Kesengsaraan, penderitaan, dan kemiskinan, dapat menjadi pelajaran berharga dalam proses pertumbuhan spiritual seseorang, bagi ia yang mau mengambil pelajaran. Dalam menghadapi tantangan, saya diajarkan untuk tetap teguh dalam prinsip-prinsip keselarasan lahir-batin dan pantang untuk menyerah pada keputusasaan. Melalui usaha keras dan ketekunan secara lahir dan batin, seseorang dapat meleburkan kesengsaraan dan meraih pencapaian lahir dan kedamaian batin.


Menurut saya, "Nelangsa Ning Melarat, Lebur Dening Tirakat" memiliki relevansi yang kuat dalam kehidupan sehari-hari. Di tengah tantangan dan kesulitan ekonomi, ungkapan ini mengingatkan kita untuk tetap teguh dalam prinsip-prinsip keselarasan lahir-batin. Dengan keselarasan lahir-batin, kita dapat mengubah kesengsaraan menjadi kesempatan untuk tumbuh dan berkembang secara pribadi, baik materi maupun spiritual.
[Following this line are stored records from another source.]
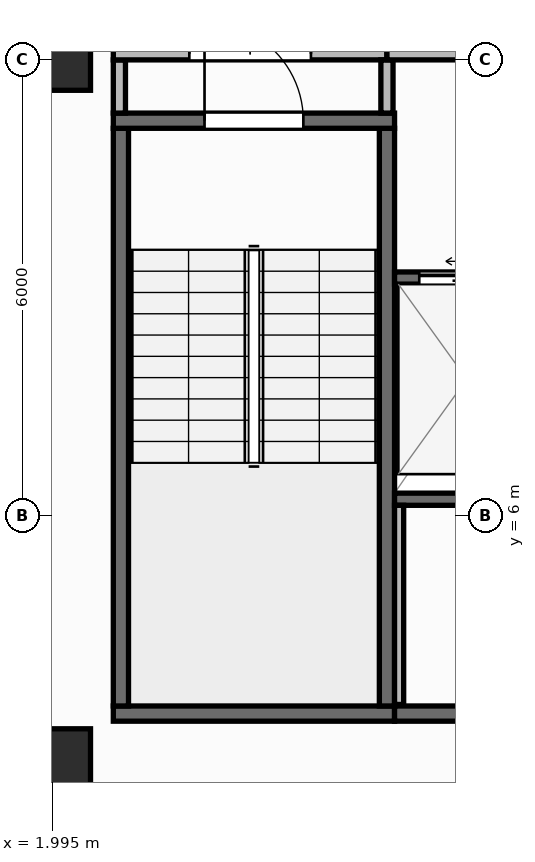
"""IFC4 building model, lengths in metres.
Left out: names, types, materials, properties, quantities, classifications, styles, units other than length and angle.
Written with IfcOpenShell. Run it as: python <this file> out.ifc"""

import sys

from ifc_helpers import new_model, si_unit, direction, frame, frame_2d, origin, origin_2d, place, context, subcontext, project, spatial, rectangle, extrude, element, fill, save


model = new_model("IFC4")
c1 = context("Model", 3, precision=1e-05, world=origin(), true_north=direction((0.0, 1.0)))
c2 = subcontext(c1, "Body", "Model", "MODEL_VIEW")
j1 = project(units=[si_unit("LENGTHUNIT", "METRE"), si_unit("PLANEANGLEUNIT", "RADIAN")], contexts=[c1])
p1 = place(None, origin())
s1 = spatial("IfcSite", under=j1, at=p1, CompositionType="ELEMENT")
p2 = place(p1, origin())
s2 = spatial("IfcBuilding", under=s1, at=p2, CompositionType="ELEMENT")
p3 = place(p2, frame((0.0, 0.0, 264.45)))
s3 = spatial("IfcBuildingStorey", under=s2, at=p3, CompositionType="ELEMENT", Elevation=264.45)
for number, where, z_axis, x_axis in (
    (1, (2.1, 2.8, 0.0), (0.0, 0.0, 1.0), (1.0, 0.0, 0.0)),
    (2, (2.1, 12.0, 0.0), (0.0, 0.0, 1.0), (1.0, 0.0, 0.0)),
):
    element("IfcColumn", number, at=place(p3, frame(where, z_axis=z_axis, x_axis=x_axis)), inside=s3, PredefinedType="COLUMN", context=c2, shape_type="SweptSolid", body=[
        extrude(rectangle(XDim=0.8, YDim=0.8, at=origin_2d()), origin(), (0.0, 0.0, 1.0), 3.95),
    ])
p4 = place(p3, frame((2.56, 0.173, 0.0), z_axis=(0.0, 0.0, 1.0), x_axis=(0.996798206282, 0.079958338856, 0.0)))
e3 = element("IfcWall", 3, at=p4, inside=s3, PredefinedType="STANDARD", context=c2, shape_type="SweptSolid", body=[
    extrude(rectangle(XDim=37.199, YDim=0.26, at=frame_2d((18.6, 0.0))), origin(), (0.0, 0.0, 1.0), 3.71),
])
p5 = place(p4, frame((17.4, 0.0, 0.9)))
e4 = element("IfcOpeningElement", 4, at=p5, cuts=e3, PredefinedType="OPENING", context=c2, shape_type="SweptSolid", body=[
    extrude(rectangle(XDim=2.4, YDim=1.65, at=frame_2d((1.2, 0.825))), frame((0.0, 0.14, 0.0), z_axis=(0.0, -1.0, 0.0), x_axis=(1.0, 0.0, 0.0)), (0.0, 0.0, 1.0), 0.28),
])
p6 = place(p3, frame((2.8, 3.4, 0.0), z_axis=(0.0, 0.0, 1.0), x_axis=(1.0, 0.0, 0.0)))
e5 = element("IfcWall", 5, at=p6, inside=s3, PredefinedType="SHEAR", context=c2, shape_type="SweptSolid", body=[
    extrude(rectangle(XDim=3.7, YDim=0.2, at=frame_2d((1.85, 0.0))), origin(), (0.0, 0.0, 1.0), 3.71),
])
for number, where, z_axis, x_axis in (
    (6, (2.9, 3.5, 0.0), (0.0, 0.0, 1.0), (0.0, 1.0, 0.0)),
    (7, (6.4, 3.5, 0.0), (0.0, 0.0, 1.0), (0.0, 1.0, 0.0)),
):
    element("IfcWall", number, at=place(p3, frame(where, z_axis=z_axis, x_axis=x_axis)), inside=s3, PredefinedType="SHEAR", context=c2, shape_type="SweptSolid", body=[
        extrude(rectangle(XDim=7.6, YDim=0.2, at=frame_2d((3.8, 0.0))), origin(), (0.0, 0.0, 1.0), 3.71),
    ])
p7 = place(p3, frame((2.8, 11.2, 0.0), z_axis=(0.0, 0.0, 1.0), x_axis=(1.0, 0.0, 0.0)))
e8 = element("IfcWall", 8, at=p7, inside=s3, PredefinedType="SHEAR", context=c2, shape_type="SweptSolid", body=[
    extrude(rectangle(XDim=3.7, YDim=0.2, at=frame_2d((1.85, 0.0))), origin(), (0.0, 0.0, 1.0), 3.71),
])
p8 = place(p7, frame((1.2, 0.0, 0.0)))
e9 = element("IfcOpeningElement", 9, at=p8, cuts=e8, PredefinedType="OPENING", context=c2, shape_type="SweptSolid", body=[
    extrude(rectangle(XDim=1.3, YDim=2.15, at=frame_2d((0.65, 1.075))), frame((0.0, 0.11, 0.0), z_axis=(0.0, -1.0, 0.0), x_axis=(1.0, 0.0, 0.0)), (0.0, 0.0, 1.0), 0.22),
])
p9 = place(p3, frame((6.5, 3.4, 0.0), z_axis=(0.0, 0.0, 1.0), x_axis=(1.0, 0.0, 0.0)))
e10 = element("IfcWall", 10, at=p9, inside=s3, PredefinedType="SHEAR", context=c2, shape_type="SweptSolid", body=[
    extrude(rectangle(XDim=13.7, YDim=0.2, at=frame_2d((6.85, 0.0))), origin(), (0.0, 0.0, 1.0), 3.71),
])
p10 = place(p3, frame((6.5, 6.22, 0.0), z_axis=(0.0, 0.0, 1.0), x_axis=(1.0, 0.0, 0.0)))
e11 = element("IfcWall", 11, at=p10, inside=s3, PredefinedType="SHEAR", context=c2, shape_type="SweptSolid", body=[
    extrude(rectangle(XDim=12.11, YDim=0.16, at=frame_2d((6.055, 0.0))), origin(), (0.0, 0.0, 1.0), 3.71),
])
p11 = place(p3, frame((6.5, 9.13, 0.0), z_axis=(0.0, 0.0, 1.0), x_axis=(1.0, 0.0, 0.0)))
e12 = element("IfcWall", 12, at=p11, inside=s3, PredefinedType="SHEAR", context=c2, shape_type="SweptSolid", body=[
    extrude(rectangle(XDim=1.975, YDim=0.16, at=frame_2d((0.988, 0.0))), origin(), (0.0, 0.0, 1.0), 3.71),
])
p12 = place(p11, frame((0.325, 0.0, 0.0)))
e13 = element("IfcOpeningElement", 13, at=p12, cuts=e12, PredefinedType="OPENING", context=c2, shape_type="SweptSolid", body=[
    extrude(rectangle(XDim=1.25, YDim=2.15, at=frame_2d((0.625, 1.075))), frame((0.0, 0.09, 0.0), z_axis=(0.0, -1.0, 0.0), x_axis=(1.0, 0.0, 0.0)), (0.0, 0.0, 1.0), 0.18),
])
p13 = place(p3, frame((6.56, 3.52, 0.0), z_axis=(0.0, 0.0, 1.0), x_axis=(0.0, 1.0, 0.0)))
e14 = element("IfcWall", 14, at=p13, inside=s3, PredefinedType="PARTITIONING", context=c2, shape_type="SweptSolid", body=[
    extrude(rectangle(XDim=2.62, YDim=0.12, at=frame_2d((1.31, 0.0))), origin(), (0.0, 0.0, 1.0), 3.71),
])
p14 = place(p3, frame((2.88, 11.3, 0.0), z_axis=(0.0, 0.0, 1.0), x_axis=(0.0, 1.0, 0.0)))
e15 = element("IfcWall", 15, at=p14, inside=s3, PredefinedType="PARTITIONING", context=c2, shape_type="SweptSolid", body=[
    extrude(rectangle(XDim=0.7, YDim=0.16, at=frame_2d((0.35, 0.0))), origin(), (0.0, 0.0, 1.0), 3.71),
])
p15 = place(p3, frame((2.8, 12.08, 0.0), z_axis=(0.0, 0.0, 1.0), x_axis=(1.0, 0.0, 0.0)))
e16 = element("IfcWall", 16, at=p15, inside=s3, PredefinedType="PARTITIONING", context=c2, shape_type="SweptSolid", body=[
    extrude(rectangle(XDim=3.6, YDim=0.16, at=frame_2d((1.8, 0.0))), origin(), (0.0, 0.0, 1.0), 3.157),
])
p16 = place(p15, frame((1.0, 0.0, 0.0)))
e17 = element("IfcOpeningElement", 17, at=p16, cuts=e16, PredefinedType="OPENING", context=c2, shape_type="SweptSolid", body=[
    extrude(rectangle(XDim=1.6, YDim=2.05, at=frame_2d((0.8, 1.025))), frame((0.0, 0.09, 0.0), z_axis=(0.0, -1.0, 0.0), x_axis=(1.0, 0.0, 0.0)), (0.0, 0.0, 1.0), 0.18),
])
p17 = place(p3, frame((6.4, 11.3, 0.0), z_axis=(0.0, 0.0, 1.0), x_axis=(0.0, 1.0, 0.0)))
e18 = element("IfcWall", 18, at=p17, inside=s3, PredefinedType="PARTITIONING", context=c2, shape_type="SweptSolid", body=[
    extrude(rectangle(XDim=0.7, YDim=0.16, at=frame_2d((0.35, 0.0))), origin(), (0.0, 0.0, 1.0), 3.71),
])
p18 = place(p3, frame((6.4, 12.08, 0.0), z_axis=(0.0, 0.0, 1.0), x_axis=(1.0, 0.0, 0.0)))
e19 = element("IfcWall", 19, at=p18, inside=s3, PredefinedType="PARTITIONING", context=c2, shape_type="SweptSolid", body=[
    extrude(rectangle(XDim=6.18, YDim=0.16, at=frame_2d((3.09, 0.0))), origin(), (0.0, 0.0, 1.0), 3.157),
])
p19 = place(p18, frame((2.29, 0.0, 0.0)))
e20 = element("IfcOpeningElement", 20, at=p19, cuts=e19, PredefinedType="OPENING", context=c2, shape_type="SweptSolid", body=[
    extrude(rectangle(XDim=1.6, YDim=2.05, at=frame_2d((0.8, 1.025))), frame((0.0, 0.09, 0.0), z_axis=(0.0, -1.0, 0.0), x_axis=(1.0, 0.0, 0.0)), (0.0, 0.0, 1.0), 0.18),
])
p20 = place(p8, origin())
e21 = element("IfcDoor", 21, at=p20, inside=s3, OperationType="SINGLE_SWING_LEFT", PredefinedType="DOOR", context=c2, shape_type="SweptSolid", body=[
    extrude(rectangle(XDim=1.3, YDim=2.15, at=frame_2d((0.65, 1.075))), frame((0.0, 0.025, 0.0), z_axis=(0.0, -1.0, 0.0), x_axis=(1.0, 0.0, 0.0)), (0.0, 0.0, 1.0), 0.05),
])
fill(e9, e21)
p21 = place(p12, origin())
e22 = element("IfcDoor", 22, at=p21, inside=s3, OperationType="SLIDING_TO_LEFT", PredefinedType="DOOR", context=c2, shape_type="SweptSolid", body=[
    extrude(rectangle(XDim=1.25, YDim=2.15, at=frame_2d((0.625, 1.075))), frame((0.0, 0.025, 0.0), z_axis=(0.0, -1.0, 0.0), x_axis=(1.0, 0.0, 0.0)), (0.0, 0.0, 1.0), 0.05),
])
fill(e13, e22)
p22 = place(p16, origin())
e23 = element("IfcDoor", 23, at=p22, inside=s3, OperationType="DOUBLE_DOOR_SINGLE_SWING", PredefinedType="DOOR", context=c2, shape_type="SweptSolid", body=[
    extrude(rectangle(XDim=1.6, YDim=2.05, at=frame_2d((0.8, 1.025))), frame((0.0, 0.025, 0.0), z_axis=(0.0, -1.0, 0.0), x_axis=(1.0, 0.0, 0.0)), (0.0, 0.0, 1.0), 0.05),
])
fill(e17, e23)
save(model, sys.argv[1])

Melalui ketekunan dan upaya yang gigih, kita dapat mengubah kesengsaraan menjadi kesempatan untuk tumbuh dan berkembang secara pribadi, baik dari segi materi maupun spiritual. Dengan demikian, mari kita terus berusaha dengan tekad yang bulat, dan dengan dukungan keselarasan lahir-batin, kita dapat mengatasi setiap rintangan dan meraih kedamaian serta kebahagiaan yang sejati dalam hidup ini.